Another lesson from the octopus is that adaptability requires redundancy. "We think of redundancy as wasteful and inefficient, but it's everywhere in nature," he notes.
Defensively and offensively, an octopus has no shortage of coping mechanisms – camouflage, powerful arms, intelligence, a sharp beak, symbiotic toxins and a cloud of ink. When escaping, it can squeeze into a tight space, blend in with the background, jet away, and, in the lab at least, grab two halves of a coconut shell and sequester itself inside them.
Just as importantly, Sagarin discovered what it is that organisms don't do. In general, they don't plan, predict or try to be perfect. When Sagarin tells this to the members of strategic planning departments in government agencies, it leads to "a lot of consternation and grinding of teeth," in part because it's so counter-intuitive.
Indeed, if there is a single message that sums up all of Sagarin's work, it's that organisms realized long ago that the world is a much less predictable place than humans would like to believe. What Sagarin calls the "non-normal distribution of truly interesting events," which was explored at length in Nassim Taleb's book The Black Swan, has relevance to how we'll cope with everything from disease outbreaks to climate change.

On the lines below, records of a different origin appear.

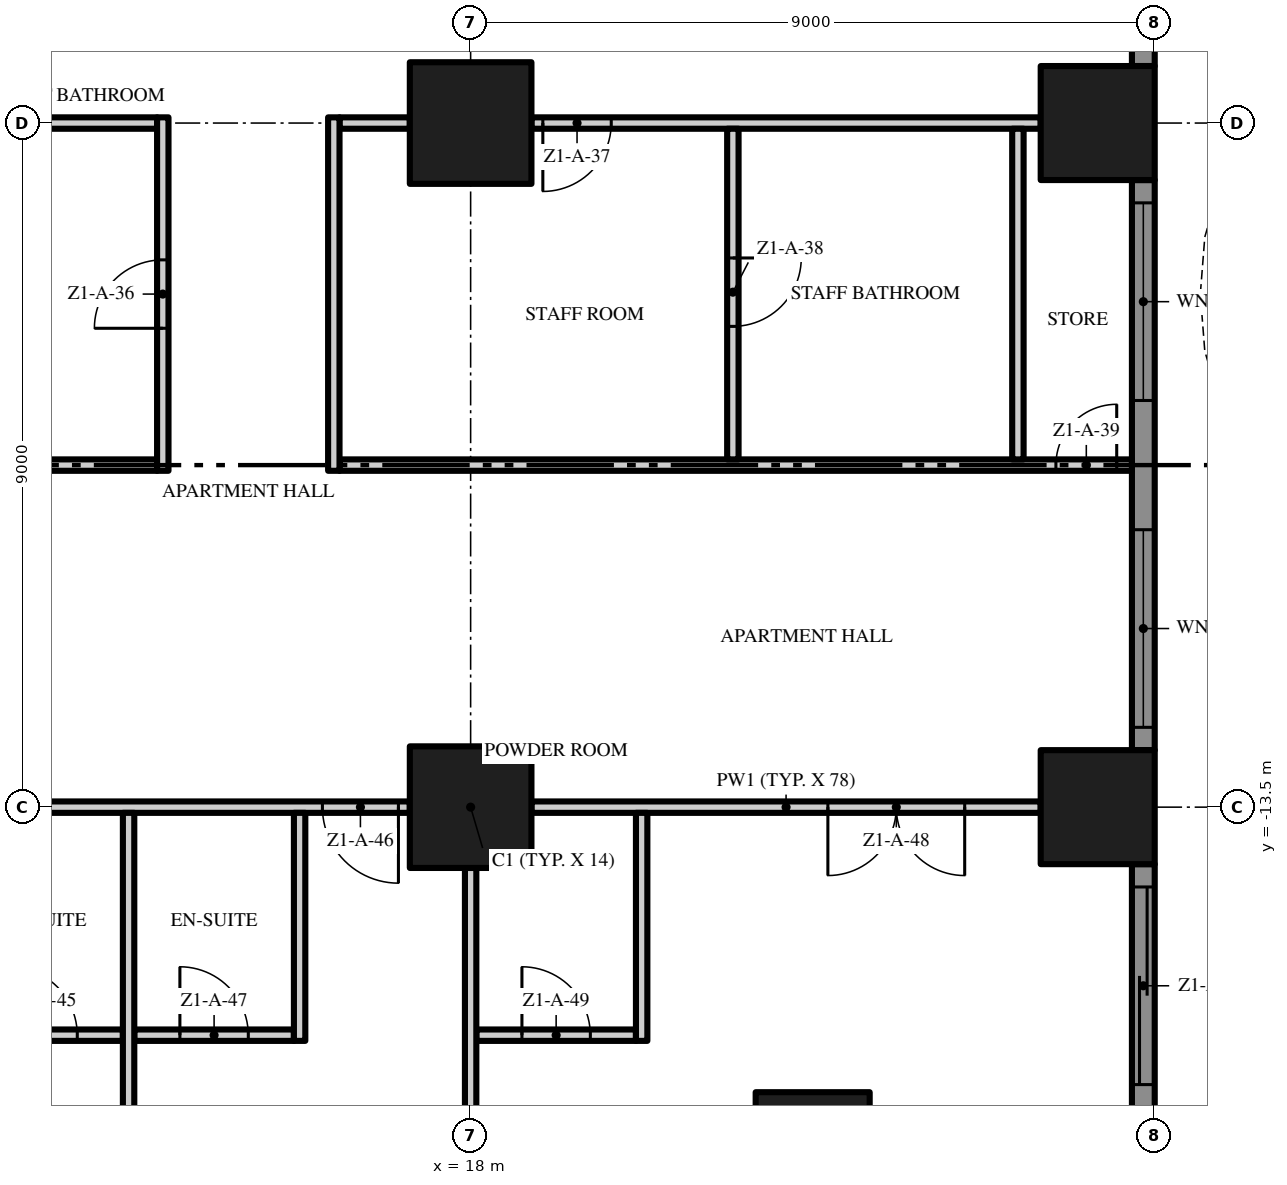
"""IFC4 building model, lengths in metres.
Left out: names, types, materials, properties, quantities, classifications, styles, units other than length and angle.
Written with IfcOpenShell. Run it as: python <this file> out.ifc"""

import sys

from ifc_helpers import new_model, si_unit, direction, frame, frame_2d, origin, origin_2d, place, context, subcontext, project, spatial, polyline, rectangle, outline, extrude, element, fill, save


model = new_model("IFC4")
c1 = context("Model", 3, precision=1e-05, world=origin(), true_north=direction((0.0, 1.0)))
c2 = subcontext(c1, "Body", "Model", "MODEL_VIEW")
j1 = project(units=[si_unit("LENGTHUNIT", "METRE"), si_unit("PLANEANGLEUNIT", "RADIAN")], contexts=[c1])
p1 = place(None, origin())
s1 = spatial("IfcSite", under=j1, at=p1, CompositionType="ELEMENT")
p2 = place(p1, origin())
s2 = spatial("IfcBuilding", under=s1, at=p2, CompositionType="ELEMENT")
p3 = place(p2, frame((0.0, 0.0, 15.0)))
s3 = spatial("IfcBuildingStorey", under=s2, at=p3, CompositionType="ELEMENT", Elevation=15.0)
for number, where, z_axis, x_axis in (
    (1, (18.0, -13.5, 0.0), (0.0, 0.0, 1.0), (1.0, 0.0, 0.0)),
    (2, (18.0, -4.5, 0.0), (0.0, 0.0, 1.0), (1.0, 0.0, 0.0)),
):
    element("IfcColumn", number, at=place(p3, frame(where, z_axis=z_axis, x_axis=x_axis)), inside=s3, PredefinedType="COLUMN", context=c2, shape_type="SweptSolid", body=[
        extrude(rectangle(XDim=1.6, YDim=1.6, at=origin_2d()), origin(), (0.0, 0.0, 1.0), 3.5),
    ])
for number, where, z_axis, x_axis in (
    (3, (26.25, -13.5, 0.0), (0.0, 0.0, 1.0), (1.0, 0.0, 0.0)),
    (4, (22.5, -18.0, 0.0), (0.0, 0.0, 1.0), (1.0, 0.0, 0.0)),
    (5, (26.25, -4.5, 0.0), (0.0, 0.0, 1.0), (1.0, 0.0, 0.0)),
):
    element("IfcColumn", number, at=place(p3, frame(where, z_axis=z_axis, x_axis=x_axis)), inside=s3, PredefinedType="COLUMN", context=c2, shape_type="SweptSolid", body=[
        extrude(rectangle(XDim=1.5, YDim=1.5, at=origin_2d()), origin(), (0.0, 0.0, 1.0), 3.5),
    ])
p4 = place(p3, frame((26.85, -14.25, 0.0), z_axis=(0.0, 0.0, 1.0), x_axis=(0.0, -1.0, 0.0)))
e6 = element("IfcWall", 6, at=p4, inside=s3, PredefinedType="SOLIDWALL", context=c2, shape_type="SweptSolid", body=[
    extrude(rectangle(XDim=3.45, YDim=0.3, at=frame_2d((1.725, 0.0))), origin(), (0.0, 0.0, 1.0), 3.5),
])
p5 = place(p4, frame((0.3, 0.0, 0.0)))
e7 = element("IfcOpeningElement", 7, at=p5, cuts=e6, PredefinedType="OPENING", context=c2, shape_type="SweptSolid", body=[
    extrude(rectangle(XDim=2.6, YDim=2.4, at=frame_2d((1.3, 1.2))), frame((0.0, 0.16, 0.0), z_axis=(0.0, -1.0, 0.0), x_axis=(1.0, 0.0, 0.0)), (0.0, 0.0, 1.0), 0.32),
])
p6 = place(p3, frame((26.85, -5.25, 0.0), z_axis=(0.0, 0.0, 1.0), x_axis=(0.0, -1.0, 0.0)))
e8 = element("IfcWall", 8, at=p6, inside=s3, PredefinedType="SOLIDWALL", context=c2, shape_type="SweptSolid", body=[
    extrude(rectangle(XDim=7.5, YDim=0.3, at=frame_2d((3.75, 0.0))), origin(), (0.0, 0.0, 1.0), 3.5),
])
p7 = place(p6, frame((4.6, 0.0, 0.45)))
e9 = element("IfcOpeningElement", 9, at=p7, cuts=e8, PredefinedType="OPENING", context=c2, shape_type="SweptSolid", body=[
    extrude(rectangle(XDim=2.6, YDim=2.65, at=frame_2d((1.3, 1.325))), frame((0.0, 0.16, 0.0), z_axis=(0.0, -1.0, 0.0), x_axis=(1.0, 0.0, 0.0)), (0.0, 0.0, 1.0), 0.32),
])
p8 = place(p6, frame((0.3, 0.0, 0.45)))
e10 = element("IfcOpeningElement", 10, at=p8, cuts=e8, PredefinedType="OPENING", context=c2, shape_type="SweptSolid", body=[
    extrude(rectangle(XDim=2.6, YDim=2.65, at=frame_2d((1.3, 1.325))), frame((0.0, 0.16, 0.0), z_axis=(0.0, -1.0, 0.0), x_axis=(1.0, 0.0, 0.0)), (0.0, 0.0, 1.0), 0.32),
])
p9 = place(p3, frame((26.85, 3.75, 0.0), z_axis=(0.0, 0.0, 1.0), x_axis=(0.0, -1.0, 0.0)))
e11 = element("IfcWall", 11, at=p9, inside=s3, PredefinedType="SOLIDWALL", context=c2, shape_type="SweptSolid", body=[
    extrude(rectangle(XDim=7.5, YDim=0.3, at=frame_2d((3.75, 0.0))), origin(), (0.0, 0.0, 1.0), 3.5),
])
p10 = place(p9, frame((4.6, 0.0, 0.45)))
e12 = element("IfcOpeningElement", 12, at=p10, cuts=e11, PredefinedType="OPENING", context=c2, shape_type="SweptSolid", body=[
    extrude(rectangle(XDim=2.6, YDim=2.65, at=frame_2d((1.3, 1.325))), frame((0.0, 0.16, 0.0), z_axis=(0.0, -1.0, 0.0), x_axis=(1.0, 0.0, 0.0)), (0.0, 0.0, 1.0), 0.32),
])
p11 = place(p9, frame((0.3, 0.0, 0.0)))
e13 = element("IfcOpeningElement", 13, at=p11, cuts=e11, PredefinedType="OPENING", context=c2, shape_type="SweptSolid", body=[
    extrude(rectangle(XDim=2.6, YDim=2.4, at=frame_2d((1.3, 1.2))), frame((0.0, 0.16, 0.0), z_axis=(0.0, -1.0, 0.0), x_axis=(1.0, 0.0, 0.0)), (0.0, 0.0, 1.0), 0.32),
])
p12 = place(p3, origin())
e14 = element("IfcWall", 14, at=p12, inside=s3, PredefinedType="USERDEFINED", context=c2, shape_type="SweptSolid", body=[
    extrude(outline(polyline([(28.8, -18.0), (29.505, -16.5), (29.941, -15.0), (30.0, -14.25), (29.941, -13.5), (29.505, -12.0), (28.8, -10.5), (28.095, -9.0), (27.659, -7.5), (27.6, -6.75), (27.659, -6.0), (28.095, -4.5), (28.8, -3.0), (29.505, -1.5), (29.941, 0.0), (30.0, 0.75), (29.941, 1.5), (29.505, 3.0), (28.8, 4.5), (28.095, 6.0), (27.659, 7.5), (27.6, 8.25), (27.659, 9.0), (28.095, 10.5), (28.8, 12.0), (29.505, 13.5), (29.941, 15.0), (30.0, 15.75), (29.941, 16.5), (29.505, 18.0), (29.265, 17.93), (29.694, 16.455), (29.749, 15.75), (29.694, 15.045), (29.271, 13.589), (28.574, 12.106), (27.86, 10.589), (27.411, 9.045), (27.349, 8.25), (27.411, 7.455), (27.86, 5.911), (28.574, 4.394), (29.271, 2.911), (29.694, 1.455), (29.749, 0.75), (29.694, 0.045), (29.271, -1.411), (28.574, -2.894), (27.86, -4.411), (27.411, -5.955), (27.349, -6.75), (27.411, -7.545), (27.86, -9.089), (28.574, -10.606), (29.271, -12.089), (29.694, -13.545), (29.749, -14.25), (29.694, -14.955), (29.271, -16.411), (28.574, -17.894), (28.8, -18.0)])), origin(), (0.0, 0.0, 1.0), 0.9),
])
p13 = place(p3, frame((11.325, -16.5, 0.0), z_axis=(0.0, 0.0, 1.0), x_axis=(1.0, 0.0, 0.0)))
e15 = element("IfcWall", 15, at=p13, inside=s3, PredefinedType="PARTITIONING", context=c2, shape_type="SweptSolid", body=[
    extrude(rectangle(XDim=2.1, YDim=0.15, at=frame_2d((1.05, 0.0))), origin(), (0.0, 0.0, 1.0), 3.5),
])
p14 = place(p13, frame((0.6, 0.0, 0.0)))
e16 = element("IfcOpeningElement", 16, at=p14, cuts=e15, PredefinedType="OPENING", context=c2, shape_type="SweptSolid", body=[
    extrude(rectangle(XDim=0.9, YDim=2.1, at=frame_2d((0.45, 1.05))), frame((0.0, 0.085, 0.0), z_axis=(0.0, -1.0, 0.0), x_axis=(1.0, 0.0, 0.0)), (0.0, 0.0, 1.0), 0.17),
])
p15 = place(p3, frame((13.575, -16.5, 0.0), z_axis=(0.0, 0.0, 1.0), x_axis=(1.0, 0.0, 0.0)))
e17 = element("IfcWall", 17, at=p15, inside=s3, PredefinedType="PARTITIONING", context=c2, shape_type="SweptSolid", body=[
    extrude(rectangle(XDim=2.1, YDim=0.15, at=frame_2d((1.05, 0.0))), origin(), (0.0, 0.0, 1.0), 3.5),
])
p16 = place(p15, frame((0.6, 0.0, 0.0)))
e18 = element("IfcOpeningElement", 18, at=p16, cuts=e17, PredefinedType="OPENING", context=c2, shape_type="SweptSolid", body=[
    extrude(rectangle(XDim=0.9, YDim=2.1, at=frame_2d((0.45, 1.05))), frame((0.0, 0.085, 0.0), z_axis=(0.0, -1.0, 0.0), x_axis=(1.0, 0.0, 0.0)), (0.0, 0.0, 1.0), 0.17),
])
p17 = place(p3, frame((18.075, -16.5, 0.0), z_axis=(0.0, 0.0, 1.0), x_axis=(1.0, 0.0, 0.0)))
e19 = element("IfcWall", 19, at=p17, inside=s3, PredefinedType="PARTITIONING", context=c2, shape_type="SweptSolid", body=[
    extrude(rectangle(XDim=2.1, YDim=0.15, at=frame_2d((1.05, 0.0))), origin(), (0.0, 0.0, 1.0), 3.5),
])
p18 = place(p17, frame((0.6, 0.0, 0.0)))
e20 = element("IfcOpeningElement", 20, at=p18, cuts=e19, PredefinedType="OPENING", context=c2, shape_type="SweptSolid", body=[
    extrude(rectangle(XDim=0.9, YDim=2.1, at=frame_2d((0.45, 1.05))), frame((0.0, 0.085, 0.0), z_axis=(0.0, -1.0, 0.0), x_axis=(1.0, 0.0, 0.0)), (0.0, 0.0, 1.0), 0.17),
])
p19 = place(p3, frame((17.2, -13.5, 0.0), z_axis=(0.0, 0.0, 1.0), x_axis=(-1.0, 0.0, 0.0)))
e21 = element("IfcWall", 21, at=p19, inside=s3, PredefinedType="PARTITIONING", context=c2, shape_type="SweptSolid", body=[
    extrude(rectangle(XDim=7.4, YDim=0.15, at=frame_2d((3.7, 0.0))), origin(), (0.0, 0.0, 1.0), 3.5),
])
p20 = place(p19, frame((6.25, 0.0, 0.0)))
e22 = element("IfcOpeningElement", 22, at=p20, cuts=e21, PredefinedType="OPENING", context=c2, shape_type="SweptSolid", body=[
    extrude(rectangle(XDim=1.0, YDim=2.4, at=frame_2d((0.5, 1.2))), frame((0.0, 0.085, 0.0), z_axis=(0.0, -1.0, 0.0), x_axis=(1.0, 0.0, 0.0)), (0.0, 0.0, 1.0), 0.17),
])
p21 = place(p19, frame((0.15, 0.0, 0.0)))
e23 = element("IfcOpeningElement", 23, at=p21, cuts=e21, PredefinedType="OPENING", context=c2, shape_type="SweptSolid", body=[
    extrude(rectangle(XDim=1.0, YDim=2.4, at=frame_2d((0.5, 1.2))), frame((0.0, 0.085, 0.0), z_axis=(0.0, -1.0, 0.0), x_axis=(1.0, 0.0, 0.0)), (0.0, 0.0, 1.0), 0.17),
])
p22 = place(p3, frame((25.5, -13.5, 0.0), z_axis=(0.0, 0.0, 1.0), x_axis=(-1.0, 0.0, 0.0)))
e24 = element("IfcWall", 24, at=p22, inside=s3, PredefinedType="PARTITIONING", context=c2, shape_type="SweptSolid", body=[
    extrude(rectangle(XDim=6.7, YDim=0.15, at=frame_2d((3.35, 0.0))), origin(), (0.0, 0.0, 1.0), 3.5),
])
p23 = place(p22, frame((1.0, 0.0, 0.0)))
e25 = element("IfcOpeningElement", 25, at=p23, cuts=e24, PredefinedType="OPENING", context=c2, shape_type="SweptSolid", body=[
    extrude(rectangle(XDim=1.8, YDim=2.4, at=frame_2d((0.9, 1.2))), frame((0.0, 0.085, 0.0), z_axis=(0.0, -1.0, 0.0), x_axis=(1.0, 0.0, 0.0)), (0.0, 0.0, 1.0), 0.17),
])
p24 = place(p3, frame((0.1, -9.0, 0.0), z_axis=(0.0, 0.0, 1.0), x_axis=(1.0, 0.0, 0.0)))
e26 = element("IfcWall", 26, at=p24, inside=s3, PredefinedType="PARTITIONING", context=c2, shape_type="SweptSolid", body=[
    extrude(rectangle(XDim=13.775, YDim=0.15, at=frame_2d((6.888, 0.0))), origin(), (0.0, 0.0, 1.0), 3.5),
])
p25 = place(p24, frame((8.1, 0.0, 0.0)))
e27 = element("IfcOpeningElement", 27, at=p25, cuts=e26, PredefinedType="OPENING", context=c2, shape_type="SweptSolid", body=[
    extrude(rectangle(XDim=1.0, YDim=2.4, at=frame_2d((0.5, 1.2))), frame((0.0, 0.085, 0.0), z_axis=(0.0, -1.0, 0.0), x_axis=(1.0, 0.0, 0.0)), (0.0, 0.0, 1.0), 0.17),
])
p26 = place(p3, frame((16.275, -9.0, 0.0), z_axis=(0.0, 0.0, 1.0), x_axis=(1.0, 0.0, 0.0)))
e28 = element("IfcWall", 28, at=p26, inside=s3, PredefinedType="PARTITIONING", context=c2, shape_type="SweptSolid", body=[
    extrude(rectangle(XDim=10.425, YDim=0.15, at=frame_2d((5.213, 0.0))), origin(), (0.0, 0.0, 1.0), 3.5),
])
p27 = place(p26, frame((9.425, 0.0, 0.0)))
e29 = element("IfcOpeningElement", 29, at=p27, cuts=e28, PredefinedType="OPENING", context=c2, shape_type="SweptSolid", body=[
    extrude(rectangle(XDim=0.8, YDim=2.0, at=frame_2d((0.4, 1.0))), frame((0.0, 0.085, 0.0), z_axis=(0.0, -1.0, 0.0), x_axis=(1.0, 0.0, 0.0)), (0.0, 0.0, 1.0), 0.17),
])
p28 = place(p3, frame((9.8, -4.5, 0.0), z_axis=(0.0, 0.0, 1.0), x_axis=(1.0, 0.0, 0.0)))
e30 = element("IfcWall", 30, at=p28, inside=s3, PredefinedType="PARTITIONING", context=c2, shape_type="SweptSolid", body=[
    extrude(rectangle(XDim=4.075, YDim=0.15, at=frame_2d((2.038, 0.0))), origin(), (0.0, 0.0, 1.0), 3.5),
])
p29 = place(p3, frame((16.275, -4.5, 0.0), z_axis=(0.0, 0.0, 1.0), x_axis=(1.0, 0.0, 0.0)))
e31 = element("IfcWall", 31, at=p29, inside=s3, PredefinedType="PARTITIONING", context=c2, shape_type="SweptSolid", body=[
    extrude(rectangle(XDim=0.925, YDim=0.15, at=frame_2d((0.463, 0.0))), origin(), (0.0, 0.0, 1.0), 3.5),
])
p30 = place(p3, frame((25.5, -4.5, 0.0), z_axis=(0.0, 0.0, 1.0), x_axis=(-1.0, 0.0, 0.0)))
e32 = element("IfcWall", 32, at=p30, inside=s3, PredefinedType="PARTITIONING", context=c2, shape_type="SweptSolid", body=[
    extrude(rectangle(XDim=6.7, YDim=0.15, at=frame_2d((3.35, 0.0))), origin(), (0.0, 0.0, 1.0), 3.5),
])
p31 = place(p30, frame((5.65, 0.0, 0.0)))
e33 = element("IfcOpeningElement", 33, at=p31, cuts=e32, PredefinedType="OPENING", context=c2, shape_type="SweptSolid", body=[
    extrude(rectangle(XDim=0.9, YDim=2.1, at=frame_2d((0.45, 1.05))), frame((0.0, 0.085, 0.0), z_axis=(0.0, -1.0, 0.0), x_axis=(1.0, 0.0, 0.0)), (0.0, 0.0, 1.0), 0.17),
])
p32 = place(p3, frame((13.5, -22.2, 0.0), z_axis=(0.0, 0.0, 1.0), x_axis=(0.0, 1.0, 0.0)))
e34 = element("IfcWall", 34, at=p32, inside=s3, PredefinedType="PARTITIONING", context=c2, shape_type="SweptSolid", body=[
    extrude(rectangle(XDim=8.625, YDim=0.15, at=frame_2d((4.312, 0.0))), origin(), (0.0, 0.0, 1.0), 3.5),
])
p33 = place(p3, frame((13.95, -9.075, 0.0), z_axis=(0.0, 0.0, 1.0), x_axis=(0.0, 1.0, 0.0)))
e35 = element("IfcWall", 35, at=p33, inside=s3, PredefinedType="PARTITIONING", context=c2, shape_type="SweptSolid", body=[
    extrude(rectangle(XDim=4.65, YDim=0.15, at=frame_2d((2.325, 0.0))), origin(), (0.0, 0.0, 1.0), 3.5),
])
p34 = place(p33, frame((1.875, 0.0, 0.0)))
e36 = element("IfcOpeningElement", 36, at=p34, cuts=e35, PredefinedType="OPENING", context=c2, shape_type="SweptSolid", body=[
    extrude(rectangle(XDim=0.9, YDim=2.1, at=frame_2d((0.45, 1.05))), frame((0.0, 0.085, 0.0), z_axis=(0.0, -1.0, 0.0), x_axis=(1.0, 0.0, 0.0)), (0.0, 0.0, 1.0), 0.17),
])
p35 = place(p3, frame((15.75, -16.575, 0.0), z_axis=(0.0, 0.0, 1.0), x_axis=(0.0, 1.0, 0.0)))
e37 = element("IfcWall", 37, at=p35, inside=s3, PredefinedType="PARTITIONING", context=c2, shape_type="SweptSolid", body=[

"We spend a lot of time in planning exercises, making predictive models, and in optimization routines," says Sagarin. "All of which have essentially been selected against in nature, because they're incredibly wasteful when you live in an unpredictable world."
Organisms and humans should plan for things that occur with some frequency; buildings in earthquake-prone areas must be ready for tremors just as surely as mating Horseshoe crabs need to know the phase of the moon. But the biggest dangers are those we've yet to identify, and if nature is any guide, the only way to prepare for them and respond to them effectively is to have an abundance of flexibility and skills which can be combined to meet any challenge.